Run experiment and collect metrics

rows = []
for d in dims:
    # 1) Sample points in [0,1]^d
    X = torch.rand(n, d)

    # 2) Pairwise distances and NN stats
    D = pairwise_distances(X)
    tri = torch.triu_indices(n, n, offset=1)
    pdists = D[tri[0], tri[1]]
    pair_mean = pdists.mean().item()
    pair_std = pdists.std(unbiased=False).item()
    pair_cv = pair_std / (pair_mean + 1e-12)

    nn = nearest_neighbor_distances(D)
    mean_nn = nn.mean().item()
    median_nn = nn.median().item()

    # 3) Fraction inside ball around center
    center = torch.full((d,), 0.5)
    dist_to_center = torch.linalg.norm(X - center, dim=1)
    frac_in_ball = (dist_to_center <= r_center).float().mean().item()

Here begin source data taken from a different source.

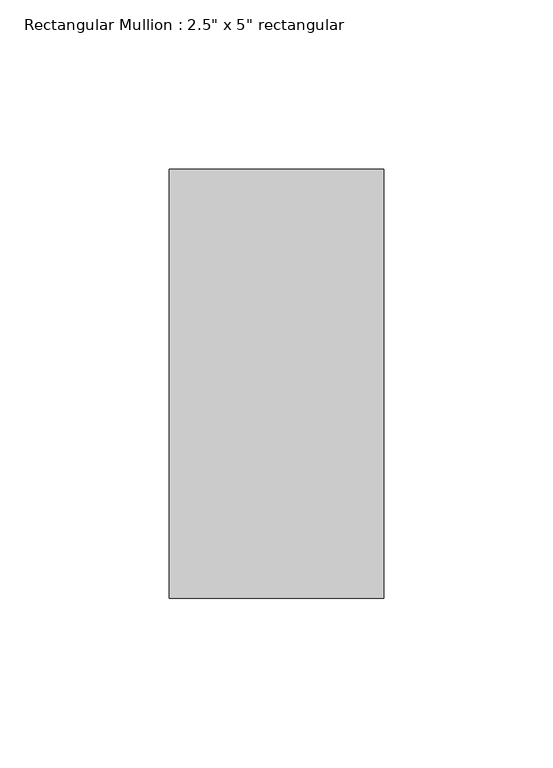
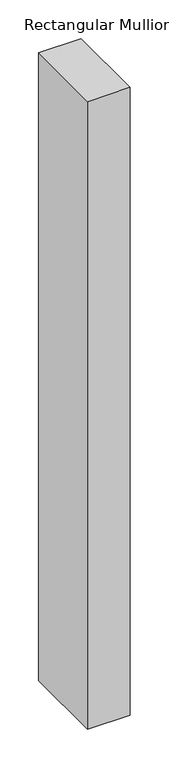
"""IFC4 building model written with IfcOpenShell, lengths in millimetres: member geometry."""

from ifc_helpers import new_model, si_unit, frame, origin, place, context, project, spatial, polyline, outline, extrude, source, transform, mapped, element, save


def member_3b0b2d0d(model_context):
    return source(origin(), model_context, "Body", "SweptSolid", [
        extrude(outline(polyline([(31.75, 63.5), (31.75, -63.5), (-31.75, -63.5), (-31.75, 63.5), (31.75, 63.5)])), frame((0.0, 0.0, -990.6), z_axis=(0.0, 0.0, 1.0), x_axis=(1.0, 0.0, 0.0)), (0.0, 0.0, 1.0), 990.6),
    ])


if __name__ == "__main__":
    model = new_model("IFC4")
    model_context = context("Model", 3, world=origin())
    ifc_project = project(units=[si_unit("LENGTHUNIT", "METRE", prefix="MILLI")], contexts=[model_context])
    site = spatial("IfcSite", under=ifc_project)
    building = spatial("IfcBuilding", under=site)
    placement = place(None, origin())
    member_shape = member_3b0b2d0d(model_context)
    element("IfcMember", 1, ObjectType="Rectangular Mullion : 2.5\" x 5\" rectangular", at=placement, inside=building, context=model_context, shape_type="MappedRepresentation", body=[
        mapped(member_shape, transform((0.0, 0.0, 0.0), x_axis=(1.0, 0.0, 0.0), y_axis=(0.0, 1.0, 0.0), z_axis=(0.0, 0.0, 1.0))),
    ])
    save(model, "model.ifc")

# Revit data of these elements
# Type "Rectangular Mullion : 2.5\" x 5\" rectangular"
#   built-in parameter 1007304 = 0.416667 (stored number, unit not read)
#   built-in parameter 1007301 = 0.104167 (stored number, unit not read)
#   built-in parameter 1007300 = 0.104167 (stored number, unit not read)
# Element 1 (IfcMember, "Rectangular Mullion : 2.5\" x 5\" rectangular")
#   Materials on its faces: "Aluminum"
# Materials
#   "Aluminum": class "Metal", colour RGB 247 247 247, transparency 0, Description = "Aluminum 6061", Cost = 0

    # 4) Average neighbors within fixed radius
    within = (D <= r_neighbors).float()
    within.fill_diagonal_(0.0)
    avg_neighbors = within.sum(dim=1).mean().item()

    rows.append(
        {
            "d": d,
            "mean_NN": mean_nn,
            "median_NN": median_nn,
            "pair_mean": pair_mean,
            "pair_std": pair_std,
            "pair_CV": pair_cv,
            f"frac_in_ball(r={r_center})": frac_in_ball,
            f"avg_neighbors(r={r_neighbors})": avg_neighbors,
            "n": n,
        }
    )

df = pd.DataFrame(rows)
df
d mean_NN median_NN pair_mean pair_std pair_CV frac_in_ball(r=0.1) avg_neighbors(r=0.15) n
0 1 0.000402 0.000299 0.337809 0.238667 0.706515 0.199167 328.850006 1200
1 2 0.014385 0.013267 0.514249 0.244681 0.475803 0.031667 73.551666 1200
2 5 0.171974 0.171206 0.876517 0.248289 0.283267 0.000000 0.390000 1200
3 10 0.492865 0.494772 1.269582 0.245546 0.193407 0.000000 0.000000 1200
4 20 1.017114 1.018217 1.799921 0.243045 0.135031 0.000000 0.000000 1200
5 50 2.111619 2.115882 2.876143 0.241308 0.083900 0.000000 0.000000 1200
6 100 3.329890 3.332430 4.081142 0.239164 0.058602 0.000000 0.000000 1200

Save results to CSV

csv_path = "./high_dim_sparsity_metrics.csv"
df.to_csv(csv_path, index=False)
print("Saved:", csv_path)
Saved: ./high_dim_sparsity_metrics.csv

Plots

# 1) Mean NN distance vs d
plt.figure(figsize=(6, 4))
plt.plot(df["d"], df["mean_NN"], marker="o")
plt.xlabel("dimension d")
plt.ylabel("mean nearest-neighbor distance")
plt.title("Mean NN distance grows with dimension")
plt.show()

# 2) Coefficient of variation of pairwise distances vs d
plt.figure(figsize=(6, 4))
plt.plot(df["d"], df["pair_CV"], marker="o")
plt.xlabel("dimension d")
plt.ylabel("coeff. of variation of pairwise distances")
plt.title("Distance concentration (CV ↓) as dimension increases")
plt.show()

# 3) Fraction inside ball around center vs d
plt.figure(figsize=(6, 4))
plt.plot(df["d"], df[f"frac_in_ball(r={r_center})"], marker="o")
plt.xlabel("dimension d")
plt.ylabel(f"fraction inside ball (r={r_center}) around center")
plt.title("Local mass around center vanishes with dimension")
plt.show()

# 4) Average #neighbors within fixed radius vs d
plt.figure(figsize=(6, 4))
plt.plot(df["d"], df[f"avg_neighbors(r={r_neighbors})"], marker="o")
plt.xlabel("dimension d")
plt.ylabel(f"avg neighbors within r={r_neighbors}")
plt.title("Local neighborhoods empty in higher dimensions")
plt.show()

Interpretation

  • Nearest neighbors recede: The mean nearest-neighbor distance grows with (d), so “local” neighborhoods become larger in absolute terms.
  • Distances concentrate: The coefficient of variation (std/mean) of pairwise distances shrinks as (d) increases, so most pairs are at similar distances—no truly “close” neighbors.
  • Vanishing local mass: The fraction of samples in a fixed-radius ball around the center tends to 0 with increasing (d).
  • Empty neighborhoods: With a fixed small radius, the average number of neighbors within that radius drops steeply as (d) grows.

These effects illustrate the curse of dimensionality: methods reliant on local neighborhoods (kNN, kernels) become data-hungry; likewise, uncertainty estimates (e.g., MLE variance) inflate away from the rare dense pockets of data.